Standard RoPE degrades when inference resolution exceeds training resolution. Since DAGE performs inference at 2K, it uses Interpolated RoPE for HR Self-Attention to keep relative positions within seen frequency ranges. For Cross-Attention, it employs snap-to-grid: HR tokens are spatially mapped to the nearest LR grid cell to compute relative encodings, aligning different resolutions within a unified coordinate system.

Loss & Training

  • Point map \(\ell_1\) loss (global alignment, without confidence weighting)
  • Camera pose loss (Rotation geodesic distance + translation \(\ell_1\))
  • Gradient loss (Multi-scale Scharr/Laplace filtering on inverse depth gradients)
  • Normal loss and distillation loss
  • HR ViT frozen, LR stream initialized from Pi3, trained on 18 datasets

Key Experimental Results

Main Results: Video Point Map Estimation (Avg. Rank across 8 datasets)

Method Multi-view High-res Pose Avg. Rank
VGGT Yes No Yes 3.4
Pi3 Yes No Yes 3.3
GeoCrafter Yes Partial No 3.9
Ours Yes Yes Yes 1.6

Ablation Study

Configuration Change Description
Adapter in Middle Layers Consistency Drop Requires complete global processing
Concat vs.
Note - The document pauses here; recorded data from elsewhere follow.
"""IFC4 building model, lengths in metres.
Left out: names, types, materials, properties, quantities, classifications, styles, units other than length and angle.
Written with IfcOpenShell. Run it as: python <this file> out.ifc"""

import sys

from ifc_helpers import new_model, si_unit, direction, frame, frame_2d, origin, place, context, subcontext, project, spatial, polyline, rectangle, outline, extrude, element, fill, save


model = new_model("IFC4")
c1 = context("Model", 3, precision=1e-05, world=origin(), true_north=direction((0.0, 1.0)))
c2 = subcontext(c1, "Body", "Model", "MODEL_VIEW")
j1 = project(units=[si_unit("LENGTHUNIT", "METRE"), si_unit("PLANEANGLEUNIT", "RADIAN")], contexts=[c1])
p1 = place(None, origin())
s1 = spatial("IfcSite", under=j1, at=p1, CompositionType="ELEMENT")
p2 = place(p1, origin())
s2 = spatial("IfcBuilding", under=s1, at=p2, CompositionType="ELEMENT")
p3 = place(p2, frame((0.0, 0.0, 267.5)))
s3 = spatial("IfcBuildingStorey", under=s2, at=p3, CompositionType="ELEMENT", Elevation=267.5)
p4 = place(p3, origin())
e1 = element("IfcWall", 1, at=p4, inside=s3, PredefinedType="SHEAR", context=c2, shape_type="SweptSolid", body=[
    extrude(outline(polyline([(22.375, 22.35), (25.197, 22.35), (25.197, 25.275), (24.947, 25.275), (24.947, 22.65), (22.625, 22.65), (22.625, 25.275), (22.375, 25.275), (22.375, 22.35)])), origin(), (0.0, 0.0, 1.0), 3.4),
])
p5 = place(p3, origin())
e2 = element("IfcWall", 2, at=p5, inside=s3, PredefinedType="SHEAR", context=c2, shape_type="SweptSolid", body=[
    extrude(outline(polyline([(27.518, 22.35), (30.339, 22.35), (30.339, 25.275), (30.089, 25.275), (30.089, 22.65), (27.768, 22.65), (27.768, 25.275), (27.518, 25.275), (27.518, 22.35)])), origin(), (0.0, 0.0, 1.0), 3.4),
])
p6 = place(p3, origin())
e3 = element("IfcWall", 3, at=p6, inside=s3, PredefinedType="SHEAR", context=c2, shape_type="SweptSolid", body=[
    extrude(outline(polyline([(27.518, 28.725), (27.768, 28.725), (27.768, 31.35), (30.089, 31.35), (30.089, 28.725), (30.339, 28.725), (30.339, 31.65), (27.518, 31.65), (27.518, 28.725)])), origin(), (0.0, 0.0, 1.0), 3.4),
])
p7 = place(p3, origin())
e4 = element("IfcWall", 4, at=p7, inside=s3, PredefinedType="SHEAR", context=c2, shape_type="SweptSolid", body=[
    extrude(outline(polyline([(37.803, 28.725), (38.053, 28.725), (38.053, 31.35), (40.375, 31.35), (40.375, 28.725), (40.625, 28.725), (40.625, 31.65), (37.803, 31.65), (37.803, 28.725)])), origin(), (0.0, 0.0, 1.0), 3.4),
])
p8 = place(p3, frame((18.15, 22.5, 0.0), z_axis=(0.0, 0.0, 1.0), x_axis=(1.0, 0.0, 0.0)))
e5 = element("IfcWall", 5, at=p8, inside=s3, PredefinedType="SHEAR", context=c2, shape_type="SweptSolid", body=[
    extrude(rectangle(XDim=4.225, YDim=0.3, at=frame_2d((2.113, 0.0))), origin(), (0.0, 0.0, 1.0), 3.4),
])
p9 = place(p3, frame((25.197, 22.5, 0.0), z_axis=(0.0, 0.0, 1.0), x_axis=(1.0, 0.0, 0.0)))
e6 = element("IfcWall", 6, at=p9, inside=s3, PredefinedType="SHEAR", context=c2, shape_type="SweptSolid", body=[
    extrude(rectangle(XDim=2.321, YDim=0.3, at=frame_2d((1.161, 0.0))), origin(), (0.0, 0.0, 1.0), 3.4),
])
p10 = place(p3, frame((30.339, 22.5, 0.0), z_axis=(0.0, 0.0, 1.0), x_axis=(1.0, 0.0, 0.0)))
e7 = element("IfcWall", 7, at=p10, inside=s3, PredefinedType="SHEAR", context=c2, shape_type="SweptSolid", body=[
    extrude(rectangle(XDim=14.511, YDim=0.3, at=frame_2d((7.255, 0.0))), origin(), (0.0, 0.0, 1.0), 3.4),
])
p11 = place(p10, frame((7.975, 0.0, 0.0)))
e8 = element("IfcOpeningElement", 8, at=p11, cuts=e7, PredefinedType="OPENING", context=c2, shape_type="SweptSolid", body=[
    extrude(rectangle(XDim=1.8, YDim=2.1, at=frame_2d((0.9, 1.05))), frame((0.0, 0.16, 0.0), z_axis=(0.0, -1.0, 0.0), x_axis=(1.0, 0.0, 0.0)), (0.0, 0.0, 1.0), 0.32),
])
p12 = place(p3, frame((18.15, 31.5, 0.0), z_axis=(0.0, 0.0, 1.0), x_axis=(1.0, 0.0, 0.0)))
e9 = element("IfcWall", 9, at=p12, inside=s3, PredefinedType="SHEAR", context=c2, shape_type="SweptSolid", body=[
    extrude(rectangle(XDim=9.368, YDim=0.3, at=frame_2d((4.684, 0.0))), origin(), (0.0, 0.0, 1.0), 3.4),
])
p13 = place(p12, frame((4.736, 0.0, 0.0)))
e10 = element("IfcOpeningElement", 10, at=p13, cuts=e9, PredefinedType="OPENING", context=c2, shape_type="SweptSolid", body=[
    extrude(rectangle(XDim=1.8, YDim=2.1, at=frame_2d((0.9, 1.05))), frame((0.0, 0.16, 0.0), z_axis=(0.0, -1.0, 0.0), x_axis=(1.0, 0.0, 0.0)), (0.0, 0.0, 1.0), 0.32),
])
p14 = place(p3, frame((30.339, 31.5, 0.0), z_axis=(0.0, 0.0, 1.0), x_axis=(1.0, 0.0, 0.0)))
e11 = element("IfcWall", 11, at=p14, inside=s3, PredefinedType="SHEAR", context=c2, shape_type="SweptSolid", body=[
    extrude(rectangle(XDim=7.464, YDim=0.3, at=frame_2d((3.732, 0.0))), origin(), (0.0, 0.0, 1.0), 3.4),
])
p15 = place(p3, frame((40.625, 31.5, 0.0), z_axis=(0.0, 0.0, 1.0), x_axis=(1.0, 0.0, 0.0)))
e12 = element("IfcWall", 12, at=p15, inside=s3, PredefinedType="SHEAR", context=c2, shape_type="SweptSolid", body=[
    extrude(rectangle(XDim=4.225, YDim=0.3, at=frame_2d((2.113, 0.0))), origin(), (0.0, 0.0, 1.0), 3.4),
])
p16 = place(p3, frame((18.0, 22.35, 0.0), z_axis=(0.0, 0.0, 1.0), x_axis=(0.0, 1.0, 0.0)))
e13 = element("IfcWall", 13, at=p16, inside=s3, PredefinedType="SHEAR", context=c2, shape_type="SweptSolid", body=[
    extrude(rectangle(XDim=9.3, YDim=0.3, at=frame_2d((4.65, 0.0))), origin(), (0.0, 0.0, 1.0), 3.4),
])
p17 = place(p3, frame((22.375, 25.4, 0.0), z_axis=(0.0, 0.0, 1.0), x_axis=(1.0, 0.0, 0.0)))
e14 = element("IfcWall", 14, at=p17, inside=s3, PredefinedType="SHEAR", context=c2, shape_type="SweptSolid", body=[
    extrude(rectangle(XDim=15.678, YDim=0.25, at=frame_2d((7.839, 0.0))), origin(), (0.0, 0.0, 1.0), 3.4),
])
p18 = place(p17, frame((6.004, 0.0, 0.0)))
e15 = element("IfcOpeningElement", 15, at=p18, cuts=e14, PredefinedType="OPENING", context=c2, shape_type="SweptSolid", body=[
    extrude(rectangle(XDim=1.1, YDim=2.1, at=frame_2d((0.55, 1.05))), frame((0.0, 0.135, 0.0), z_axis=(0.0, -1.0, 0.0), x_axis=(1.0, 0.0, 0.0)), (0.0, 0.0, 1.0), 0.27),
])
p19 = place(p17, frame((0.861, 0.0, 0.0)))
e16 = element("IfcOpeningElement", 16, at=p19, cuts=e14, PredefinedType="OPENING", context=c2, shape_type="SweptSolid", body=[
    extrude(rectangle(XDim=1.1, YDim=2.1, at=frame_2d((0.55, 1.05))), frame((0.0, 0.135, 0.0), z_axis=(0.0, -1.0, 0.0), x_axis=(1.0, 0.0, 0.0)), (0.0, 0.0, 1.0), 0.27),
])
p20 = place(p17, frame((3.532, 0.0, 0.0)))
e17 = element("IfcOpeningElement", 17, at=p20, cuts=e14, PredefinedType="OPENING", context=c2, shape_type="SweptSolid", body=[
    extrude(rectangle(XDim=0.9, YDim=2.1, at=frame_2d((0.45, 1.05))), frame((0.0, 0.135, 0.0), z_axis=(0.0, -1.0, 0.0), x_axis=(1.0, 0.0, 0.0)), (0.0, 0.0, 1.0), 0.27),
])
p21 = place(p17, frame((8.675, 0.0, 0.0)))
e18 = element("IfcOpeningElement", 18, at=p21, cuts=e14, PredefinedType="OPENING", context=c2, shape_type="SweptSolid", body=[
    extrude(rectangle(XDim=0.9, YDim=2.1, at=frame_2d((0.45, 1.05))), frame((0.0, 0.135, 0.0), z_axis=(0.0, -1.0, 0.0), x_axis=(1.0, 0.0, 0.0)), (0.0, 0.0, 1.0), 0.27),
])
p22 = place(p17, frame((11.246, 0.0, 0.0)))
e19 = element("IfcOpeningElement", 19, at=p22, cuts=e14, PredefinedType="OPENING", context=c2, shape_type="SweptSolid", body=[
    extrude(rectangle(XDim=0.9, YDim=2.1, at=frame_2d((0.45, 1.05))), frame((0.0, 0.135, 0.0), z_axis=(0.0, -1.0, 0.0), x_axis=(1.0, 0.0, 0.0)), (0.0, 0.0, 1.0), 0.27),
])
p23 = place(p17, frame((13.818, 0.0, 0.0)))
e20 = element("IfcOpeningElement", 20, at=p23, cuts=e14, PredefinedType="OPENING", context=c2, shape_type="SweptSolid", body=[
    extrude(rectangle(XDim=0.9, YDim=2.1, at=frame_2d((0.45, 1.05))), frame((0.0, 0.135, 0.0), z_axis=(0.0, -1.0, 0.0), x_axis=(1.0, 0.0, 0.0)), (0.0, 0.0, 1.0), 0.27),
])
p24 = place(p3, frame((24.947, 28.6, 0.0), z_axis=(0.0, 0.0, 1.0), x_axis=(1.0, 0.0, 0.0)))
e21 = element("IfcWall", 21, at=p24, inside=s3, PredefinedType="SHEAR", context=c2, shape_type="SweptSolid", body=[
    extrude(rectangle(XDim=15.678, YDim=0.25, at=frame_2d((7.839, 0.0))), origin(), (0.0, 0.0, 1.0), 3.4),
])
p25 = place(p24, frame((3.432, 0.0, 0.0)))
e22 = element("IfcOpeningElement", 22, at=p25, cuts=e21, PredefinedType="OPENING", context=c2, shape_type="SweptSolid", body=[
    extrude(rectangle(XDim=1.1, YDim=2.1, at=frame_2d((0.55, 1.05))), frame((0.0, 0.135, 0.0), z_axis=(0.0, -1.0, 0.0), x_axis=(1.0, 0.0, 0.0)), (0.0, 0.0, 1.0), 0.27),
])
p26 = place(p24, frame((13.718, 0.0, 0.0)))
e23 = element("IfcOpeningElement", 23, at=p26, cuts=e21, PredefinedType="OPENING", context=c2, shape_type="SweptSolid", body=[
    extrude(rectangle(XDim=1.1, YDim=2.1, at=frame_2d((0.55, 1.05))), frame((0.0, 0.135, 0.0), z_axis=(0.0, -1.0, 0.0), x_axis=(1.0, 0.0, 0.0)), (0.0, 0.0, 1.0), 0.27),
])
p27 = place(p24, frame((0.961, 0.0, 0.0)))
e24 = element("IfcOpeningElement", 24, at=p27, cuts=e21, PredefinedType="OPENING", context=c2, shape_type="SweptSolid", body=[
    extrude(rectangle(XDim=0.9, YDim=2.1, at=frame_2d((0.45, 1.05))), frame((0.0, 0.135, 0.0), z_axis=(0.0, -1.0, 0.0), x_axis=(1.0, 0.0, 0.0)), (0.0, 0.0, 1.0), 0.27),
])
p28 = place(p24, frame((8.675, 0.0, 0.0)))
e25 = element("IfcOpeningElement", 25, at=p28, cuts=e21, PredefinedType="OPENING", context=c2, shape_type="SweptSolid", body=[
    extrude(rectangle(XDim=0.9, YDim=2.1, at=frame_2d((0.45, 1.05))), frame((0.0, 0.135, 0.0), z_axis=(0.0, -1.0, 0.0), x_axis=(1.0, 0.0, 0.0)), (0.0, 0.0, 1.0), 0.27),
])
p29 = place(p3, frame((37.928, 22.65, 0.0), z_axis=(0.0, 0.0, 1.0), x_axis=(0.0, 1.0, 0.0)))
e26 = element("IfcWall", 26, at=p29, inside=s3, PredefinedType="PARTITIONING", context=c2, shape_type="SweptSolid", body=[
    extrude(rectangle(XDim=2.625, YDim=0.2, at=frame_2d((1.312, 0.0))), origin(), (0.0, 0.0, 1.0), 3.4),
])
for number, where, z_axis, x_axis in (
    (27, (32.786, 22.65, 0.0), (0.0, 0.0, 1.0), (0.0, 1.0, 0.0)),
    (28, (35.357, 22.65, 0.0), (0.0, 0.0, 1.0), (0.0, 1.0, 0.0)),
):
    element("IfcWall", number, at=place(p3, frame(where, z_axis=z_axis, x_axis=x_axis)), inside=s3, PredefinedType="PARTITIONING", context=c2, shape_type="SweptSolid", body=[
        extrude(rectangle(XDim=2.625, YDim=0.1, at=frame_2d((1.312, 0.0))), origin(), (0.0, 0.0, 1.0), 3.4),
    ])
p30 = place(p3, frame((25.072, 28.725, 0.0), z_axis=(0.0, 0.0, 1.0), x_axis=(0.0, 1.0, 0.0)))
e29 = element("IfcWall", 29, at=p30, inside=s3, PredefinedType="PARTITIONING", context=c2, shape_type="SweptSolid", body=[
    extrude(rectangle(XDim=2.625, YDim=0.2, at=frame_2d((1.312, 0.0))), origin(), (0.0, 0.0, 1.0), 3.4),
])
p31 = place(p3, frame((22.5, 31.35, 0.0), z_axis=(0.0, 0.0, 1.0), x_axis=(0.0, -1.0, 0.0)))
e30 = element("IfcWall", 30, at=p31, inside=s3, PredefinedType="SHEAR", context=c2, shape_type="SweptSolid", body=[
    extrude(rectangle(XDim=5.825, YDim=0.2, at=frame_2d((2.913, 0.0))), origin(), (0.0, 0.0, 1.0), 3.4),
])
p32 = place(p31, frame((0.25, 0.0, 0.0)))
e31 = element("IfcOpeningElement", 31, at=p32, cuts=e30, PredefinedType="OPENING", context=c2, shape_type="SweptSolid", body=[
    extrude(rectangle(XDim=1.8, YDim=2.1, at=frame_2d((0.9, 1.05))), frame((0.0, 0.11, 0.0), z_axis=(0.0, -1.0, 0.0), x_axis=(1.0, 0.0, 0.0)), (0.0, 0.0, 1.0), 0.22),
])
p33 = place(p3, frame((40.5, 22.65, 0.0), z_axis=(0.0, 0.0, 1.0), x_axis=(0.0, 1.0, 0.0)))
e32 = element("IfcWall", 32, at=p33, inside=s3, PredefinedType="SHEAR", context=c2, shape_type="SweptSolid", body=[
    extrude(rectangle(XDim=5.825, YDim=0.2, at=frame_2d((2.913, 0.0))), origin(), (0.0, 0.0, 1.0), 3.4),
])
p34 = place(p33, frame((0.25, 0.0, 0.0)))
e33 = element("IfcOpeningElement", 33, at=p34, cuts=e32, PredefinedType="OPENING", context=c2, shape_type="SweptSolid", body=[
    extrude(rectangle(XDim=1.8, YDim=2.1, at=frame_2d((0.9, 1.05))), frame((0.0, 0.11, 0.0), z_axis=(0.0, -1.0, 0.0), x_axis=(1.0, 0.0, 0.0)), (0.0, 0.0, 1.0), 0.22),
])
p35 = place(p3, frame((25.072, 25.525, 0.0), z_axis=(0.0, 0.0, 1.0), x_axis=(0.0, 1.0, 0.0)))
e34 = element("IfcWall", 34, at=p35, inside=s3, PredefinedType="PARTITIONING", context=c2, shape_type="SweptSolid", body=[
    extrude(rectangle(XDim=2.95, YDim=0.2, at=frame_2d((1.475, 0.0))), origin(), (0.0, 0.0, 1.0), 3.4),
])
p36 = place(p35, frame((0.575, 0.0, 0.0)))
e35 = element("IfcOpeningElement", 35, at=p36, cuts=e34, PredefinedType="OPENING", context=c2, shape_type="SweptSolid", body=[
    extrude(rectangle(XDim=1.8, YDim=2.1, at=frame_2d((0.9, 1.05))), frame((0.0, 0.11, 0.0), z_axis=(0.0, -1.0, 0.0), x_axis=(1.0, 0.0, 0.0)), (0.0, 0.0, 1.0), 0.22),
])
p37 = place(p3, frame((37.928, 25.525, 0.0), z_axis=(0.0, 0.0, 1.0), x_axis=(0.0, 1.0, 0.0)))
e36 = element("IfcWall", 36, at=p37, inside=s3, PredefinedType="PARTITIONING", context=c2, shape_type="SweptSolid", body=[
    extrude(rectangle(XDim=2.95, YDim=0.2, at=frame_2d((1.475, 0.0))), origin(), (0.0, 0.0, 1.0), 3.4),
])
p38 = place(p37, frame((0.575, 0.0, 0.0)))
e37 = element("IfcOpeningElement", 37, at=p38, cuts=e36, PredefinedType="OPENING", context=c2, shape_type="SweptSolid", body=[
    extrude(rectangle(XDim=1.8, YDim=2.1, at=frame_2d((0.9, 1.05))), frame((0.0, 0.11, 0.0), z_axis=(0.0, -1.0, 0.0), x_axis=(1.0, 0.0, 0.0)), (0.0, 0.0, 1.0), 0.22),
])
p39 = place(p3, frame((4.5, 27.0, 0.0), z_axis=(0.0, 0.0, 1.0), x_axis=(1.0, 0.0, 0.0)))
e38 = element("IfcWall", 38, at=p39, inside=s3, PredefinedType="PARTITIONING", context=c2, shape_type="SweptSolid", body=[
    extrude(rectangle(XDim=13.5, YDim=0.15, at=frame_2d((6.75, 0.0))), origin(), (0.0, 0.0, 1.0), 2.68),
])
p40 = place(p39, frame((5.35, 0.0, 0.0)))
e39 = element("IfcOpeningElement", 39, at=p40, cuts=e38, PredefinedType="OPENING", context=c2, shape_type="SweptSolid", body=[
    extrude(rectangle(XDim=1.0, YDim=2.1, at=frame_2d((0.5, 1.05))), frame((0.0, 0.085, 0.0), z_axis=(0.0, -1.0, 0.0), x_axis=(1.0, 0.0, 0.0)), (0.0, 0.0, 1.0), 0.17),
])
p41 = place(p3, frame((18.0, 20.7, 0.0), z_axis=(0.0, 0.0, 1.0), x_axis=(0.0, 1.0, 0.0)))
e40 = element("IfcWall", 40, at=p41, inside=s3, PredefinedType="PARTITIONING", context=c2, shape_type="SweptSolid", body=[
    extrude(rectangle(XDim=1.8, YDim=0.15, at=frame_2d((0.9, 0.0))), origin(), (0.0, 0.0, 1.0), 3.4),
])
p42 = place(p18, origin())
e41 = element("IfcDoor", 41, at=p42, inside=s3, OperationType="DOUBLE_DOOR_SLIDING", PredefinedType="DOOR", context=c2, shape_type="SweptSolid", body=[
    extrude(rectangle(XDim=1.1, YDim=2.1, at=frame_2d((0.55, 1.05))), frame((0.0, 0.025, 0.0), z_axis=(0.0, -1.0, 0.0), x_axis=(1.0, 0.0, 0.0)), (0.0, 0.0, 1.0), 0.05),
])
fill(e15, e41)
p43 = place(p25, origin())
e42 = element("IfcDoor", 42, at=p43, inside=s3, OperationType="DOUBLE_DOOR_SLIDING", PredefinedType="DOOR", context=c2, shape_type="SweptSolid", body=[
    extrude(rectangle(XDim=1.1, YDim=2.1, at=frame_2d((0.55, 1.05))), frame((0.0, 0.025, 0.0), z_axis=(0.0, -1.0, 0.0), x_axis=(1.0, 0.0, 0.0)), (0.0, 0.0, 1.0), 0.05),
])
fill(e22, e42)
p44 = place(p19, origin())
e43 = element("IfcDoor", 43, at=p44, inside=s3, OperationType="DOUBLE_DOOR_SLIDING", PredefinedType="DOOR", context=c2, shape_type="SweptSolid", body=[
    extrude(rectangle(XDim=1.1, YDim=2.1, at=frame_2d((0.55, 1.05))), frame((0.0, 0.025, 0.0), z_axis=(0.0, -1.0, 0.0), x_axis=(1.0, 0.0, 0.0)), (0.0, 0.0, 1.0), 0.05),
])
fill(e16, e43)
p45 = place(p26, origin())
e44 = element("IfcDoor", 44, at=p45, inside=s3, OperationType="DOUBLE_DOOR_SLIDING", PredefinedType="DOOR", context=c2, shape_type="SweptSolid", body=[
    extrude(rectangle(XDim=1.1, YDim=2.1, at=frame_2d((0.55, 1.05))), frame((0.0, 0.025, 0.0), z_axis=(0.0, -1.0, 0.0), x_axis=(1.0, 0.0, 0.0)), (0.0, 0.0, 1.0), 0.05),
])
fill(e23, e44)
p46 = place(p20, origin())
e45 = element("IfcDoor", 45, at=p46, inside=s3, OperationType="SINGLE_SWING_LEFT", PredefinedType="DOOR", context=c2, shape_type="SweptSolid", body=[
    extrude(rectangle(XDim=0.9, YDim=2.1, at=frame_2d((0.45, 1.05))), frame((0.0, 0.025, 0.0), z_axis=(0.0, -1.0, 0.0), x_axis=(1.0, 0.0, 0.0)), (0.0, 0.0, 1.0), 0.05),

Cross-Attn Quality Drop Fixed scale ratios are insufficient
No Gradient Loss Sharpness Drop Gradient supervision is critical for details
MoGe Multi-scale Alignment Consistency Drop Per-patch alignment breaks cross-view consistency

Efficiency (A100, 100-frame video)

Method 540p FPS 2K FPS 540p VRAM
Pi3 32.7 OOM 37.3 GB
VGGT 13.5 OOM 71.3 GB
Ours 65.4 5.6 12.4 GB

Key Findings

  • An average rank of 1.6 significantly outperforms Pi3 (3.3) and VGGT (3.4).
  • Advantages in high-resolution scenarios: UrbanSyn Rel error is 47% lower than Pi3.
  • Speed at 540p is \(2\times\) that of Pi3; at 2K, DAGE maintains 5.6 FPS while others OOM.
  • Pose accuracy at 252px matches the performance of Pi3/VGGT at 518px.

Highlights & Insights

  • "Decoupling resolution and sequence length" is the core insight: Global consistency does not require high resolution, and detail preservation does not require cross-view attention.
  • Frozen HR ViT + lightweight adapter: An efficient transfer learning paradigm.
  • Snap-to-grid RoPE: An elegant solution for cross-scale attention.
  • Gradient loss instead of multi-scale alignment: Maintaining a single global alignment is more critical in multi-view contexts.

Limitations & Future Work

  • Fixed 252px LR stream may be insufficient for certain scenes.
  • Dependence on MoGe2 and Pi3 pre-trained weights.
  • Dynamic scenes (moving objects) have not been tested.
  • 5-layer Adapter poses VRAM pressure on extremely long sequences.
  • Alternating attention in Pi3/VGGT serves as the LR stream foundation; Ours contributes resolution restriction.
  • The abandonment of MoGe2's coarse-to-fine loss (which destroys multi-view consistency) reflects a conflict in design principles.
  • Knowledge distillation shifts from "model compression" to "resolution compensation."

Rating

  • Novelty: ⭐⭐⭐⭐ Dual-stream decoupling and snap-to-grid RoPE are insightful contributions.
  • Experimental Thoroughness: ⭐⭐⭐⭐⭐ 8 datasets + 4 tasks + detailed ablations + efficiency metrics.
  • Writing Quality: ⭐⭐⭐⭐ Clear motivation and systematic architecture description.
  • Value: ⭐⭐⭐⭐⭐ Resolves practical bottlenecks in high-resolution multi-view geometry.